La grande solitude de l’administrateur apostolique
Laos, 21 décembre 2010 (Apic) L’ordination de Pierre Buntha Silaphet, dans le vicariat de Luang Prabang, au Laos, a été annulée par les autorités locales à la dernière minute. Il se serait agi de la première ordination dans le Nord du pays depuis quarante ans.
Selon Eglises d’Asie, l’agence d’information des missions étrangères de Paris, Mgr Tito Banchong Thopahong, administrateur apostolique du vicariat de Luang Prabang qui est situé dans la partie nord du Laos, avait pourtant obtenu toutes les autorisations nécessaires auprès des autorités pour cette ordination. Saavait été repoussée plusieurs fois avant d’être fixée officiellement au 12 décembre 2010.

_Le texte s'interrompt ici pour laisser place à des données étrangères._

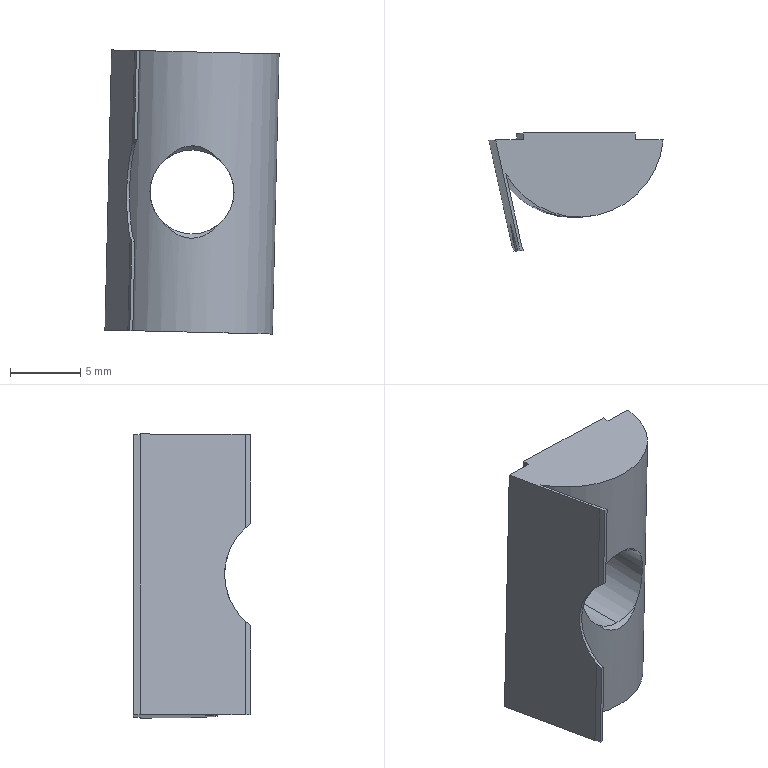Component | SolidWorks | 2012MB0201-1_UpperRackCoverModule-1_AHL21-308-M6-10 | 1 solid | 24 faces | box 12.43 x 8.39 x 20.28 mm | volume 945 mm3 | plane 11 | cylinder 8 | cone 5 | commonest cylinder face diameters 6 x2 11.084 x2 10.684 x2 12 x1 9 x1 | material S45C
STEP:
#1=CARTESIAN_POINT('',(-69.818,40.918,-25.855));
#2=VERTEX_POINT('',#1);
#3=CARTESIAN_POINT('',(-69.823,40.918,-26.091));
#4=VERTEX_POINT('',#3);
#5=CARTESIAN_POINT('',(-69.821,40.918,-25.973));
#6=DIRECTION('',(-0.,1.,0.));
#7=DIRECTION('',(-0.02392,0.,-0.9997));
#8=AXIS2_PLACEMENT_3D('',#5,#6,#7);
#9=CIRCLE('',#8,0.1181);
#10=EDGE_CURVE('',#2,#4,#9,.T.);
#11=ORIENTED_EDGE('',*,*,#10,.F.);
#12=CARTESIAN_POINT('',(-69.817,40.939,-25.834));
#13=VERTEX_POINT('',#12);
#14=CARTESIAN_POINT('',(-69.817,40.939,-25.834));
#15=DIRECTION('',(0.01691,0.7071,0.7069));
#16=VECTOR('',#15,39.37);
#17=LINE('',#14,#16);
#18=EDGE_CURVE('',#2,#13,#17,.T.);
#19=ORIENTED_EDGE('',*,*,#18,.T.);
#20=CARTESIAN_POINT('',(-69.824,40.939,-26.113));
#21=VERTEX_POINT('',#20);
#22=CARTESIAN_POINT('',(-69.821,40.939,-25.973));
#23=DIRECTION('',(0.,-1.,-0.));
#24=DIRECTION('',(0.9997,0.,-0.02392));
#25=AXIS2_PLACEMENT_3D('',#22,#23,#24);
#26=CIRCLE('',#25,0.1395);
#27=EDGE_CURVE('',#21,#13,#26,.T.);
#28=ORIENTED_EDGE('',*,*,#27,.F.);
#29=CARTESIAN_POINT('',(-69.824,40.939,-26.113));
#30=DIRECTION('',(-0.01691,0.7071,-0.7069));
#31=VECTOR('',#30,39.37);
#32=LINE('',#29,#31);
#33=EDGE_CURVE('',#4,#21,#32,.T.);
#34=ORIENTED_EDGE('',*,*,#33,.F.);
#35=EDGE_LOOP('',(#11,#19,#28,#34));
#36=FACE_OUTER_BOUND('',#35,.T.);
#37=CARTESIAN_POINT('',(-69.821,40.939,-25.973));
#38=DIRECTION('',(-0.,1.,0.));
#39=DIRECTION('',(-0.02392,0.,-0.9997));
#40=AXIS2_PLACEMENT_3D('',#37,#38,#39);
#41=CONICAL_SURFACE('',#40,0.1395,0.7854);
#42=ADVANCED_FACE('',(#36),#41,.F.);
#43=CARTESIAN_POINT('',(-69.818,40.715,-25.855));
#44=VERTEX_POINT('',#43);
#45=CARTESIAN_POINT('',(-69.892,40.715,-25.879));
#46=VERTEX_POINT('',#45);
#47=CARTESIAN_POINT('',(-69.821,40.715,-25.973));
#48=DIRECTION('',(0.,-1.,-0.));
#49=DIRECTION('',(0.02392,0.,0.9997));
#50=AXIS2_PLACEMENT_3D('',#47,#48,#49);
#51=CIRCLE('',#50,0.1181);
#52=EDGE_CURVE('',#44,#46,#51,.T.);
#53=ORIENTED_EDGE('',*,*,#52,.F.);
#54=CARTESIAN_POINT('',(-69.817,40.703,-25.843));
#55=VERTEX_POINT('',#54);
#56=CARTESIAN_POINT('',(-69.817,40.703,-25.843));
#57=DIRECTION('',(0.01691,-0.7071,0.7069));
#58=VECTOR('',#57,39.37);
#59=LINE('',#56,#58);
#60=EDGE_CURVE('',#44,#55,#59,.T.);
#61=ORIENTED_EDGE('',*,*,#60,.T.);
#62=CARTESIAN_POINT('',(-69.817,40.703,-25.843));
#63=CARTESIAN_POINT('',(-69.825,40.703,-25.843));
#64=CARTESIAN_POINT('',(-69.832,40.703,-25.844));
#65=CARTESIAN_POINT('',(-69.846,40.704,-25.847));
#66=CARTESIAN_POINT('',(-69.853,40.705,-25.85));
#67=CARTESIAN_POINT('',(-69.865,40.708,-25.856));
#68=CARTESIAN_POINT('',(-69.871,40.709,-25.86));
#69=CARTESIAN_POINT('',(-69.882,40.712,-25.869));
#70=CARTESIAN_POINT('',(-69.887,40.713,-25.874));
#71=CARTESIAN_POINT('',(-69.892,40.715,-25.879));
#72=B_SPLINE_CURVE_WITH_KNOTS('',3,(#62,#63,#64,#65,#66,#67,#68,#69,#70,#71),.UNSPECIFIED.,.F.,.F.,(4,2,2,2,4),(0.002342,0.002889,0.003436,0.003983,0.00453),.UNSPECIFIED.);
#73=EDGE_CURVE('',#55,#46,#72,.T.);
#74=ORIENTED_EDGE('',*,*,#73,.T.);
#75=EDGE_LOOP('',(#53,#61,#74));
#76=FACE_OUTER_BOUND('',#75,.T.);
#77=CARTESIAN_POINT('',(-69.821,40.703,-25.973));
#78=DIRECTION('',(0.,-1.,-0.));
#79=DIRECTION('',(0.02392,0.,0.9997));
#80=AXIS2_PLACEMENT_3D('',#77,#78,#79);
#81=CONICAL_SURFACE('',#80,0.1299,0.7854);
#82=ADVANCED_FACE('',(#76),#81,.F.);
#83=ORIENTED_EDGE('',*,*,#10,.T.);
#84=CARTESIAN_POINT('',(-69.823,40.715,-26.091));
#85=VERTEX_POINT('',#84);
#86=CARTESIAN_POINT('',(-69.823,40.703,-26.091));
#87=DIRECTION('',(0.,-1.,-0.));
#88=VECTOR('',#87,39.37);
#89=LINE('',#86,#88);
#90=EDGE_CURVE('',#4,#85,#89,.T.);
#91=ORIENTED_EDGE('',*,*,#90,.T.);
#92=CARTESIAN_POINT('',(-69.749,40.715,-26.067));
#93=VERTEX_POINT('',#92);
#94=CARTESIAN_POINT('',(-69.821,40.715,-25.973));
#95=DIRECTION('',(0.,-1.,-0.));
#96=DIRECTION('',(0.02392,0.,0.9997));
#97=AXIS2_PLACEMENT_3D('',#94,#95,#96);
#98=CIRCLE('',#97,0.1181);
#99=EDGE_CURVE('',#85,#93,#98,.T.);
#100=ORIENTED_EDGE('',*,*,#99,.T.);
#101=CARTESIAN_POINT('',(-69.745,40.715,-25.883));
#102=VERTEX_POINT('',#101);
#103=CARTESIAN_POINT('',(-69.749,40.715,-26.067));
#104=CARTESIAN_POINT('',(-69.742,40.717,-26.062));
#105=CARTESIAN_POINT('',(-69.736,40.719,-26.056));
#106=CARTESIAN_POINT('',(-69.725,40.724,-26.043));
#107=CARTESIAN_POINT('',(-69.72,40.726,-26.035));
#108=CARTESIAN_POINT('',(-69.712,40.73,-26.02));
#109=CARTESIAN_POINT('',(-69.708,40.731,-26.012));
#110=CARTESIAN_POINT('',(-69.704,40.734,-25.994));
#111=CARTESIAN_POINT('',(-69.703,40.734,-25.985));
#112=CARTESIAN_POINT('',(-69.702,40.734,-25.967));
#113=CARTESIAN_POINT('',(-69.703,40.734,-25.958));
#114=CARTESIAN_POINT('',(-69.707,40.732,-25.941));
#115=CARTESIAN_POINT('',(-69.709,40.73,-25.932));
#116=CARTESIAN_POINT('',(-69.717,40.726,-25.916));
#117=CARTESIAN_POINT('',(-69.721,40.724,-25.909));
#118=CARTESIAN_POINT('',(-69.732,40.719,-25.895));
#119=CARTESIAN_POINT('',(-69.738,40.717,-25.889));
#120=CARTESIAN_POINT('',(-69.745,40.715,-25.883));
#121=B_SPLINE_CURVE_WITH_KNOTS('',3,(#103,#104,#105,#106,#107,#108,#109,#110,#111,#112,#113,#114,#115,#116,#117,#118,#119,#120),.UNSPECIFIED.,.F.,.F.,(4,2,2,2,2,2,2,2,4),(0.,0.0006822,0.001364,0.002046,0.002729,0.003411,0.004093,0.004775,0.005457),.UNSPECIFIED.);
#122=EDGE_CURVE('',#93,#102,#121,.T.);
#123=ORIENTED_EDGE('',*,*,#122,.T.);
#124=CARTESIAN_POINT('',(-69.821,40.715,-25.973));
#125=DIRECTION('',(0.,-1.,-0.));
#126=DIRECTION('',(0.02392,0.,0.9997));
#127=AXIS2_PLACEMENT_3D('',#124,#125,#126);
#128=CIRCLE('',#127,0.1181);
#129=EDGE_CURVE('',#102,#44,#128,.T.);
#130=ORIENTED_EDGE('',*,*,#129,.T.);
#131=CARTESIAN_POINT('',(-69.818,40.703,-25.855));
#132=DIRECTION('',(0.,-1.,-0.));
#133=VECTOR('',#132,39.37);
#134=LINE('',#131,#133);
#135=EDGE_CURVE('',#2,#44,#134,.T.);
#136=ORIENTED_EDGE('',*,*,#135,.F.);
#137=EDGE_LOOP('',(#83,#91,#100,#123,#130,#136));
#138=FACE_OUTER_BOUND('',#137,.T.);
#139=CARTESIAN_POINT('',(-69.821,40.703,-25.973));
#140=DIRECTION('',(0.,-1.,-0.));
#141=DIRECTION('',(0.02392,0.,0.9997));
#142=AXIS2_PLACEMENT_3D('',#139,#140,#141);
#143=CYLINDRICAL_SURFACE('',#142,0.1181);
#144=ADVANCED_FACE('',(#138),#143,.F.);
#145=CARTESIAN_POINT('',(-69.99,40.609,-26.113));
#146=VERTEX_POINT('',#145);
#147=CARTESIAN_POINT('',(-69.995,40.609,-26.363));
#148=VERTEX_POINT('',#147);
#149=CARTESIAN_POINT('',(-69.977,40.609,-25.576));
#150=DIRECTION('',(-0.02392,0.,-0.9997));
#151=VECTOR('',#150,39.37);
#152=LINE('',#149,#151);
#153=EDGE_CURVE('',#146,#148,#152,.T.);
#154=ORIENTED_EDGE('',*,*,#153,.F.);
#155=CARTESIAN_POINT('',(-69.994,40.625,-26.1));
#156=VERTEX_POINT('',#155);
#157=CARTESIAN_POINT('',(-69.994,40.625,-26.1));
#158=CARTESIAN_POINT('',(-69.993,40.619,-26.105));
#159=CARTESIAN_POINT('',(-69.991,40.614,-26.109));
#160=CARTESIAN_POINT('',(-69.99,40.609,-26.113));
#161=B_SPLINE_CURVE_WITH_KNOTS('',3,(#157,#158,#159,#160),.UNSPECIFIED.,.F.,.F.,(4,4),(0.,0.0005334),.UNSPECIFIED.);
#162=EDGE_CURVE('',#156,#146,#161,.T.);
#163=ORIENTED_EDGE('',*,*,#162,.F.);
#164=CARTESIAN_POINT('',(-70.001,40.625,-26.363));
#165=VERTEX_POINT('',#164);
#166=CARTESIAN_POINT('',(-69.982,40.625,-25.576));
#167=DIRECTION('',(-0.02392,0.,-0.9997));
#168=VECTOR('',#167,39.37);
#169=LINE('',#166,#168);
#170=EDGE_CURVE('',#156,#165,#169,.T.);
#171=ORIENTED_EDGE('',*,*,#170,.T.);
#172=CARTESIAN_POINT('',(-69.791,40.685,-26.368));
#173=DIRECTION('',(-0.02392,0.,-0.9997));
#174=DIRECTION('',(-0.9997,0.,0.02392));
#175=AXIS2_PLACEMENT_3D('',#172,#173,#174);
#176=CIRCLE('',#175,0.2182);
#177=EDGE_CURVE('',#148,#165,#176,.T.);
#178=ORIENTED_EDGE('',*,*,#177,.F.);
#179=EDGE_LOOP('',(#154,#163,#171,#178));
#180=FACE_OUTER_BOUND('',#179,.T.);
#181=CARTESIAN_POINT('',(-69.772,40.685,-25.581));
#182=DIRECTION('',(-0.02392,0.,-0.9997));
#183=DIRECTION('',(-0.9997,0.,0.02392));
#184=AXIS2_PLACEMENT_3D('',#181,#182,#183);
#185=CYLINDRICAL_SURFACE('',#184,0.2182);
#186=ADVANCED_FACE('',(#180),#185,.T.);
#187=CARTESIAN_POINT('',(-69.974,40.609,-25.826));
#188=VERTEX_POINT('',#187);
#189=CARTESIAN_POINT('',(-69.968,40.609,-25.576));
#190=VERTEX_POINT('',#189);
#191=CARTESIAN_POINT('',(-69.968,40.609,-25.576));
#192=DIRECTION('',(0.02392,-0.,0.9997));
#193=VECTOR('',#192,39.37);
#194=LINE('',#191,#193);
#195=EDGE_CURVE('',#188,#190,#194,.T.);
#196=ORIENTED_EDGE('',*,*,#195,.F.);
#197=CARTESIAN_POINT('',(-69.981,40.626,-25.84));
#198=VERTEX_POINT('',#197);
#199=CARTESIAN_POINT('',(-69.981,40.626,-25.84));
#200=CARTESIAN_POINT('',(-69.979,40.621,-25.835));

Le petit village de Phomvan – dans la province de Sayaboury, au nord du Laos – dont est originaire le futur prêtre devait accueillir la célébration afin de ne pas donner trop d’importance, du moins de manière visible, à l’événement. Depuis l’arrivée au pouvoir des communistes en 1975, et l’expulsion de tous les missionnaires étrangers, la liberté religieuse au Laos est très restreinte et la minorité chrétienne strictement surveillée par le gouvernement. Si la situation varie sensiblement selon les régions – celle du vicariat de Luang Prabang étant considérée comme particulièrement difficile -, la pratique religieuse, les déplacements des membres du clergé ou la construction de lieux de culte sont toujours soumis à l’autorisation gouvernementale.
Dans le vicariat de Luang Prabang, il n’y a plus de cathédrale, mais seulement des chapelles et Mgr Tito Banchong, à près de 60 ans, est le seul prêtre de toute la communauté catholique. Malgré les nombreuses restrictions et interdictions dont il est l’objet de la part des autorités locales, comme celles de rendre visite à certaines communautés de son vicariat ou encore de ne pouvoir résider officiellement à Luang Prabang, le prélat espérait être enfin secondé dans son ministère par le jeune séminariste de 30 ans, issu de l’ethnie aborigène k’hmu (*) et formé à ses côtés.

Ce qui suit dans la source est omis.